Stronghold mined 170 Bitcoin in February 2024 and generated approximately $0.2 million in energy revenue, which represents the equivalent of approximately 3 additional Bitcoin based on the average price of Bitcoin during the month. This equates to approximately 173 of Bitcoin-equivalent production in February 2024, down approximately 14% from Bitcoin-equivalent production in January 2024. Two fewer days in the month contributed to a 7% reduction in Bitcoin mined, the increase in network hash rate contributed to a 9% reduction, and lower transaction fees contributed to a 6% reduction. Adjusting for these items, Bitcoin-equivalent production would have increased 7% from January, which was largely driven by the installation of the 5,000 newly delivered miners that are now hashing. The Company generated an estimated $7.9 million of revenue during February, down approximately 1% from January 2024. While the aforementioned decline in Bitcoin production and slightly lower energy revenue were headwinds, they were largely offset by the 16% increase in Bitcoin price.
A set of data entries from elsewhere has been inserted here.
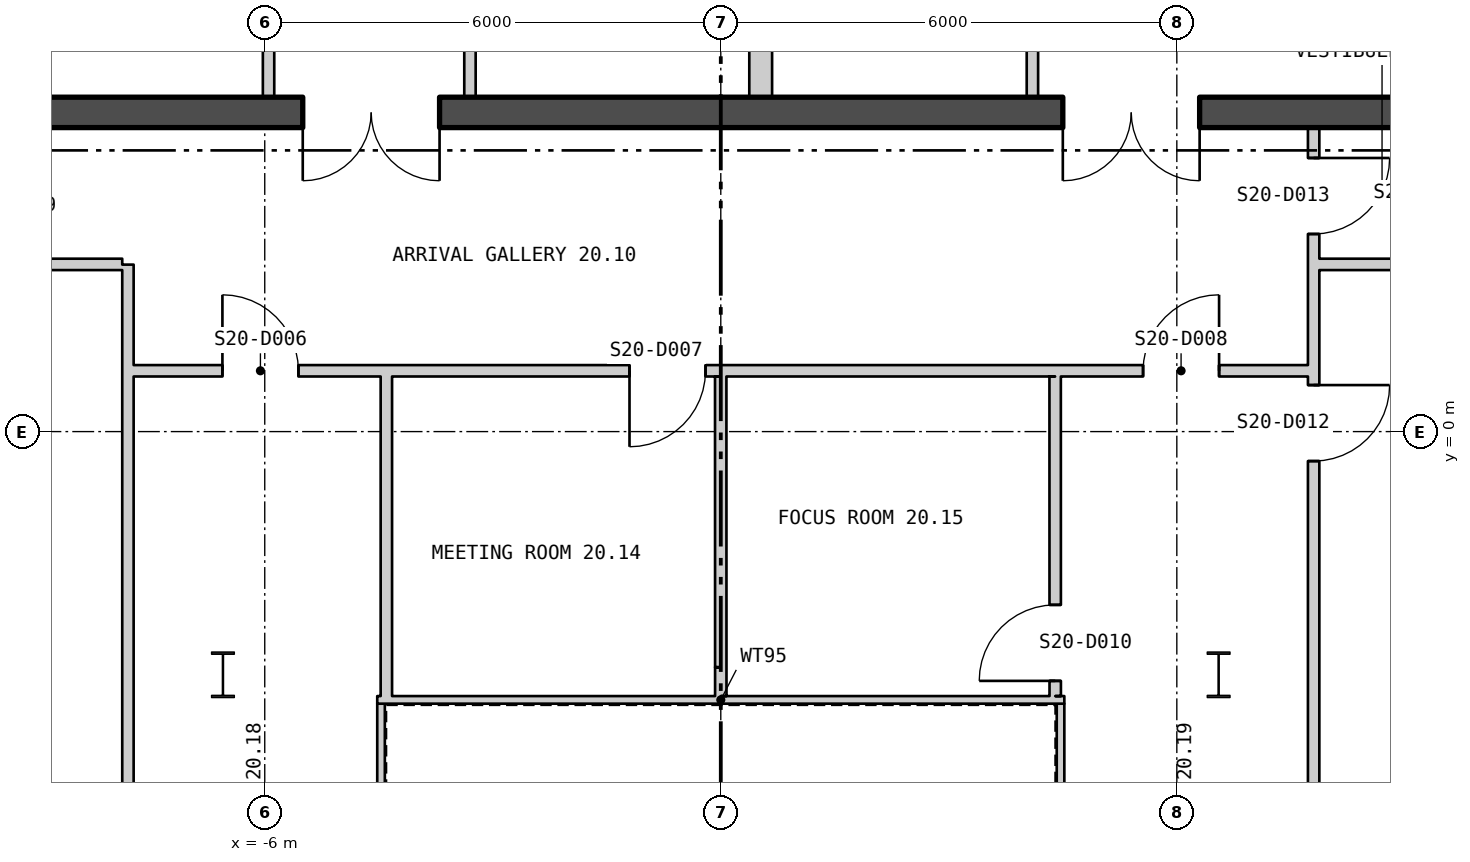
"""IFC4 building model, lengths in metres.
Left out: names, types, materials, properties, quantities, classifications, styles, units other than length and angle.
Written with IfcOpenShell. Run it as: python <this file> out.ifc"""

import sys

from ifc_helpers import new_model, si_unit, direction, frame, frame_2d, origin, origin_2d, place, context, subcontext, project, spatial, polyline, rectangle, i_section, outline, extrude, element, fill, save


model = new_model("IFC4")
c1 = context("Model", 3, precision=1e-05, world=origin(), true_north=direction((0.0, 1.0)))
c2 = subcontext(c1, "Body", "Model", "MODEL_VIEW")
j1 = project(units=[si_unit("LENGTHUNIT", "METRE"), si_unit("PLANEANGLEUNIT", "RADIAN")], contexts=[c1])
p1 = place(None, origin())
s1 = spatial("IfcSite", under=j1, at=p1, CompositionType="ELEMENT")
p2 = place(p1, origin())
s2 = spatial("IfcBuilding", under=s1, at=p2, CompositionType="ELEMENT")
p3 = place(p2, frame((0.0, 0.0, 268.8)))
s3 = spatial("IfcBuildingStorey", under=s2, at=p3, CompositionType="ELEMENT", Elevation=268.8)
for number, where, z_axis, x_axis in (
    (1, (6.55, -3.2, 0.0), (0.0, 0.0, 1.0), (1.0, 0.0, 0.0)),
    (2, (-6.55, -3.2, 0.0), (0.0, 0.0, 1.0), (1.0, 0.0, 0.0)),
):
    element("IfcColumn", number, at=place(p3, frame(where, z_axis=z_axis, x_axis=x_axis)), inside=s3, PredefinedType="COLUMN", context=c2, shape_type="SweptSolid", body=[
        extrude(i_section(OverallWidth=0.3, OverallDepth=0.6, WebThickness=0.015, FlangeThickness=0.03, at=origin_2d()), origin(), (0.0, 0.0, 1.0), 3.9),
    ])
p4 = place(p3, frame((-25.54, 15.35, -0.18), z_axis=(0.0, 0.0, 1.0), x_axis=(0.499999764979, -0.866025539474, 0.0)))
e3 = element("IfcWall", 3, at=p4, inside=s3, PredefinedType="SOLIDWALL", context=c2, shape_type="SweptSolid", body=[
    extrude(outline(polyline([(-0.13, -0.225), (45.87, -0.225), (45.61, 0.225), (0.13, 0.225), (-0.13, -0.225)])), origin(), (0.0, 0.0, 1.0), 3.68),
])
p5 = place(p4, frame((1.424, 0.0, 1.08)))
e4 = element("IfcOpeningElement", 4, at=p5, cuts=e3, PredefinedType="OPENING", context=c2, shape_type="SweptSolid", body=[
    extrude(rectangle(XDim=2.4, YDim=2.0, at=frame_2d((1.2, 1.0))), frame((0.0, 0.235, 0.0), z_axis=(0.0, -1.0, 0.0), x_axis=(1.0, 0.0, 0.0)), (0.0, 0.0, 1.0), 0.47),
])
p6 = place(p4, frame((5.893, 0.0, 1.08)))
e5 = element("IfcOpeningElement", 5, at=p6, cuts=e3, PredefinedType="OPENING", context=c2, shape_type="SweptSolid", body=[
    extrude(rectangle(XDim=2.4, YDim=2.0, at=frame_2d((1.2, 1.0))), frame((0.0, 0.235, 0.0), z_axis=(0.0, -1.0, 0.0), x_axis=(1.0, 0.0, 0.0)), (0.0, 0.0, 1.0), 0.47),
])
p7 = place(p4, frame((10.401, 0.0, 1.08)))
e6 = element("IfcOpeningElement", 6, at=p7, cuts=e3, PredefinedType="OPENING", context=c2, shape_type="SweptSolid", body=[
    extrude(rectangle(XDim=2.4, YDim=2.0, at=frame_2d((1.2, 1.0))), frame((0.0, 0.235, 0.0), z_axis=(0.0, -1.0, 0.0), x_axis=(1.0, 0.0, 0.0)), (0.0, 0.0, 1.0), 0.47),
])
p8 = place(p4, frame((14.909, 0.0, 1.08)))
e7 = element("IfcOpeningElement", 7, at=p8, cuts=e3, PredefinedType="OPENING", context=c2, shape_type="SweptSolid", body=[
    extrude(rectangle(XDim=2.4, YDim=2.0, at=frame_2d((1.2, 1.0))), frame((0.0, 0.235, 0.0), z_axis=(0.0, -1.0, 0.0), x_axis=(1.0, 0.0, 0.0)), (0.0, 0.0, 1.0), 0.47),
])
p9 = place(p4, frame((19.416, 0.0, 1.08)))
e8 = element("IfcOpeningElement", 8, at=p9, cuts=e3, PredefinedType="OPENING", context=c2, shape_type="SweptSolid", body=[
    extrude(rectangle(XDim=2.4, YDim=2.0, at=frame_2d((1.2, 1.0))), frame((0.0, 0.235, 0.0), z_axis=(0.0, -1.0, 0.0), x_axis=(1.0, 0.0, 0.0)), (0.0, 0.0, 1.0), 0.47),
])
p10 = place(p4, frame((23.924, 0.0, 1.08)))
e9 = element("IfcOpeningElement", 9, at=p10, cuts=e3, PredefinedType="OPENING", context=c2, shape_type="SweptSolid", body=[
    extrude(rectangle(XDim=2.4, YDim=2.0, at=frame_2d((1.2, 1.0))), frame((0.0, 0.235, 0.0), z_axis=(0.0, -1.0, 0.0), x_axis=(1.0, 0.0, 0.0)), (0.0, 0.0, 1.0), 0.47),
])
p11 = place(p4, frame((28.431, 0.0, 1.08)))
e10 = element("IfcOpeningElement", 10, at=p11, cuts=e3, PredefinedType="OPENING", context=c2, shape_type="SweptSolid", body=[
    extrude(rectangle(XDim=2.4, YDim=2.0, at=frame_2d((1.2, 1.0))), frame((0.0, 0.235, 0.0), z_axis=(0.0, -1.0, 0.0), x_axis=(1.0, 0.0, 0.0)), (0.0, 0.0, 1.0), 0.47),
])
p12 = place(p4, frame((32.939, 0.0, 1.08)))
e11 = element("IfcOpeningElement", 11, at=p12, cuts=e3, PredefinedType="OPENING", context=c2, shape_type="SweptSolid", body=[
    extrude(rectangle(XDim=2.4, YDim=2.0, at=frame_2d((1.2, 1.0))), frame((0.0, 0.235, 0.0), z_axis=(0.0, -1.0, 0.0), x_axis=(1.0, 0.0, 0.0)), (0.0, 0.0, 1.0), 0.47),
])
p13 = place(p4, frame((37.447, 0.0, 1.08)))
e12 = element("IfcOpeningElement", 12, at=p13, cuts=e3, PredefinedType="OPENING", context=c2, shape_type="SweptSolid", body=[
    extrude(rectangle(XDim=2.4, YDim=2.0, at=frame_2d((1.2, 1.0))), frame((0.0, 0.235, 0.0), z_axis=(0.0, -1.0, 0.0), x_axis=(1.0, 0.0, 0.0)), (0.0, 0.0, 1.0), 0.47),
])
p14 = place(p4, frame((41.916, 0.0, 1.08)))
e13 = element("IfcOpeningElement", 13, at=p14, cuts=e3, PredefinedType="OPENING", context=c2, shape_type="SweptSolid", body=[
    extrude(rectangle(XDim=2.4, YDim=2.0, at=frame_2d((1.2, 1.0))), frame((0.0, 0.235, 0.0), z_axis=(0.0, -1.0, 0.0), x_axis=(1.0, 0.0, 0.0)), (0.0, 0.0, 1.0), 0.47),
])
p15 = place(p3, frame((2.67, -24.262, -0.18), z_axis=(0.0, 0.0, 1.0), x_axis=(0.499999764979, 0.866025539474, 0.0)))
e14 = element("IfcWall", 14, at=p15, inside=s3, PredefinedType="SOLIDWALL", context=c2, shape_type="SweptSolid", body=[
    extrude(outline(polyline([(-0.13, -0.225), (45.87, -0.225), (45.61, 0.225), (0.13, 0.225), (-0.13, -0.225)])), origin(), (0.0, 0.0, 1.0), 3.68),
])
p16 = place(p15, frame((1.424, 0.0, 1.08)))
e15 = element("IfcOpeningElement", 15, at=p16, cuts=e14, PredefinedType="OPENING", context=c2, shape_type="SweptSolid", body=[
    extrude(rectangle(XDim=2.4, YDim=2.0, at=frame_2d((1.2, 1.0))), frame((0.0, 0.235, 0.0), z_axis=(0.0, -1.0, 0.0), x_axis=(1.0, 0.0, 0.0)), (0.0, 0.0, 1.0), 0.47),
])
p17 = place(p15, frame((5.893, 0.0, 1.08)))
e16 = element("IfcOpeningElement", 16, at=p17, cuts=e14, PredefinedType="OPENING", context=c2, shape_type="SweptSolid", body=[
    extrude(rectangle(XDim=2.4, YDim=2.0, at=frame_2d((1.2, 1.0))), frame((0.0, 0.235, 0.0), z_axis=(0.0, -1.0, 0.0), x_axis=(1.0, 0.0, 0.0)), (0.0, 0.0, 1.0), 0.47),
])
p18 = place(p15, frame((10.401, 0.0, 1.08)))
e17 = element("IfcOpeningElement", 17, at=p18, cuts=e14, PredefinedType="OPENING", context=c2, shape_type="SweptSolid", body=[
    extrude(rectangle(XDim=2.4, YDim=2.0, at=frame_2d((1.2, 1.0))), frame((0.0, 0.235, 0.0), z_axis=(0.0, -1.0, 0.0), x_axis=(1.0, 0.0, 0.0)), (0.0, 0.0, 1.0), 0.47),
])
p19 = place(p15, frame((14.909, 0.0, 1.08)))
e18 = element("IfcOpeningElement", 18, at=p19, cuts=e14, PredefinedType="OPENING", context=c2, shape_type="SweptSolid", body=[
    extrude(rectangle(XDim=2.4, YDim=2.0, at=frame_2d((1.2, 1.0))), frame((0.0, 0.235, 0.0), z_axis=(0.0, -1.0, 0.0), x_axis=(1.0, 0.0, 0.0)), (0.0, 0.0, 1.0), 0.47),
])
p20 = place(p15, frame((23.924, 0.0, 1.08)))
e19 = element("IfcOpeningElement", 19, at=p20, cuts=e14, PredefinedType="OPENING", context=c2, shape_type="SweptSolid", body=[
    extrude(rectangle(XDim=2.4, YDim=2.0, at=frame_2d((1.2, 1.0))), frame((0.0, 0.235, 0.0), z_axis=(0.0, -1.0, 0.0), x_axis=(1.0, 0.0, 0.0)), (0.0, 0.0, 1.0), 0.47),
])
p21 = place(p15, frame((28.431, 0.0, 1.08)))
e20 = element("IfcOpeningElement", 20, at=p21, cuts=e14, PredefinedType="OPENING", context=c2, shape_type="SweptSolid", body=[
    extrude(rectangle(XDim=2.4, YDim=2.0, at=frame_2d((1.2, 1.0))), frame((0.0, 0.235, 0.0), z_axis=(0.0, -1.0, 0.0), x_axis=(1.0, 0.0, 0.0)), (0.0, 0.0, 1.0), 0.47),
])
p22 = place(p15, frame((32.939, 0.0, 1.08)))
e21 = element("IfcOpeningElement", 21, at=p22, cuts=e14, PredefinedType="OPENING", context=c2, shape_type="SweptSolid", body=[
    extrude(rectangle(XDim=2.4, YDim=2.0, at=frame_2d((1.2, 1.0))), frame((0.0, 0.235, 0.0), z_axis=(0.0, -1.0, 0.0), x_axis=(1.0, 0.0, 0.0)), (0.0, 0.0, 1.0), 0.47),
])
p23 = place(p15, frame((37.447, 0.0, 1.08)))
e22 = element("IfcOpeningElement", 22, at=p23, cuts=e14, PredefinedType="OPENING", context=c2, shape_type="SweptSolid", body=[
    extrude(rectangle(XDim=2.4, YDim=2.0, at=frame_2d((1.2, 1.0))), frame((0.0, 0.235, 0.0), z_axis=(0.0, -1.0, 0.0), x_axis=(1.0, 0.0, 0.0)), (0.0, 0.0, 1.0), 0.47),
])
p24 = place(p15, frame((41.916, 0.0, 1.08)))
e23 = element("IfcOpeningElement", 23, at=p24, cuts=e14, PredefinedType="OPENING", context=c2, shape_type="SweptSolid", body=[
    extrude(rectangle(XDim=2.4, YDim=2.0, at=frame_2d((1.2, 1.0))), frame((0.0, 0.235, 0.0), z_axis=(0.0, -1.0, 0.0), x_axis=(1.0, 0.0, 0.0)), (0.0, 0.0, 1.0), 0.47),
])
p25 = place(p3, frame((4.47, -11.62, 0.0), z_axis=(0.0, 0.0, 1.0), x_axis=(0.0, 1.0, 0.0)))
e24 = element("IfcWall", 24, at=p25, inside=s3, PredefinedType="PARTITIONING", context=c2, shape_type="SweptSolid", body=[
    extrude(rectangle(XDim=8.04, YDim=0.1, at=frame_2d((4.02, 0.0))), origin(), (0.0, 0.0, 1.0), 3.7),
])
p26 = place(p3, frame((4.52, -3.53, 0.0), z_axis=(0.0, 0.0, 1.0), x_axis=(-1.0, 0.0, 0.0)))
e25 = element("IfcWall", 25, at=p26, inside=s3, PredefinedType="PARTITIONING", context=c2, shape_type="SweptSolid", body=[
    extrude(rectangle(XDim=9.04, YDim=0.1, at=frame_2d((4.52, 0.0))), origin(), (0.0, 0.0, 1.0), 3.7),
])
p27 = place(p3, frame((-4.47, -3.58, 0.0), z_axis=(0.0, 0.0, 1.0), x_axis=(0.0, -1.0, 0.0)))
e26 = element("IfcWall", 26, at=p27, inside=s3, PredefinedType="PARTITIONING", context=c2, shape_type="SweptSolid", body=[
    extrude(rectangle(XDim=8.04, YDim=0.1, at=frame_2d((4.02, 0.0))), origin(), (0.0, 0.0, 1.0), 3.7),
])
p28 = place(p3, frame((-14.5, 4.2, 0.0), z_axis=(0.0, 0.0, 1.0), x_axis=(1.0, 0.0, 0.0)))
e27 = element("IfcWall", 27, at=p28, inside=s3, PredefinedType="SHEAR", context=c2, shape_type="SweptSolid", body=[
    extrude(rectangle(XDim=29.0, YDim=0.4, at=frame_2d((14.5, 0.0))), origin(), (0.0, 0.0, 1.0), 3.7),
])
p29 = place(p28, frame((9.0, 0.0, 0.0)))
e28 = element("IfcOpeningElement", 28, at=p29, cuts=e27, PredefinedType="OPENING", context=c2, shape_type="SweptSolid", body=[
    extrude(rectangle(XDim=1.8, YDim=2.4, at=frame_2d((0.9, 1.2))), frame((0.0, 0.21, 0.0), z_axis=(0.0, -1.0, 0.0), x_axis=(1.0, 0.0, 0.0)), (0.0, 0.0, 1.0), 0.42),
])
p30 = place(p28, frame((19.0, 0.0, 0.0)))
e29 = element("IfcOpeningElement", 29, at=p30, cuts=e27, PredefinedType="OPENING", context=c2, shape_type="SweptSolid", body=[
    extrude(rectangle(XDim=1.8, YDim=2.4, at=frame_2d((0.9, 1.2))), frame((0.0, 0.21, 0.0), z_axis=(0.0, -1.0, 0.0), x_axis=(1.0, 0.0, 0.0)), (0.0, 0.0, 1.0), 0.42),
])
for number, where, z_axis, x_axis in (
    (30, (-5.95, 4.4, 0.0), (0.0, 0.0, 1.0), (0.0, 1.0, 0.0)),
    (31, (-3.3, 4.4, 0.0), (0.0, 0.0, 1.0), (0.0, 1.0, 0.0)),
    (32, (0.45, 4.4, 0.0), (0.0, 0.0, 1.0), (0.0, 1.0, 0.0)),
    (33, (0.6, 4.4, 0.0), (0.0, 0.0, 1.0), (0.0, 1.0, 0.0)),
    (34, (4.1, 4.4, 0.0), (0.0, 0.0, 1.0), (0.0, 1.0, 0.0)),
):
    element("IfcWall", number, at=place(p3, frame(where, z_axis=z_axis, x_axis=x_axis)), inside=s3, PredefinedType="PARTITIONING", context=c2, shape_type="SweptSolid", body=[
        extrude(rectangle(XDim=1.895, YDim=0.15, at=frame_2d((0.948, 0.0))), origin(), (0.0, 0.0, 1.0), 3.7),
    ])
p31 = place(p3, frame((-16.225, 2.2, 0.0), z_axis=(0.0, 0.0, 1.0), x_axis=(1.0, 0.0, 0.0)))
e35 = element("IfcWall", 35, at=p31, inside=s3, PredefinedType="PARTITIONING", context=c2, shape_type="SweptSolid", body=[
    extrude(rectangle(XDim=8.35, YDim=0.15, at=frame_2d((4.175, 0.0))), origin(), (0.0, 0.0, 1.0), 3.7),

Stronghold Carbon Capture Update

Stronghold has continued to progress the development of its carbon capture project. As previously announced, recent test results from the Scrubgrass Plant have demonstrated carbonation of up to 14% by starting weight of ash, up from prior estimates of up to 12%. Puro registered the Company’s carbon capture project at the Scrubgrass Plant in late February. The Company will now undertake the audit process with Puro, with the goal of accreditation as early as the end of the second quarter of 2024. Please see the presentation posted to the Company’s website on December 12, 2023, and the Company’s Quarterly Report on Form 10-Q dated November 14, 2023, for additional details and assumptions relating to the carbon capture project.

In partnership with Karbonetiq, Inc., the second Karbolith has been installed at the Scrubgrass Plant, and includes structural and design enhancements aimed to increase airflow and carbonation such as increased height, a third window unit, and additional perforated pipes with more outlets connecting to foundation. Each of the enhancements were added while reducing costs and construction time. The second Karbolith had an equipment cost of $33,000, a reduction of approximately 50% when compared to the first Karbolith.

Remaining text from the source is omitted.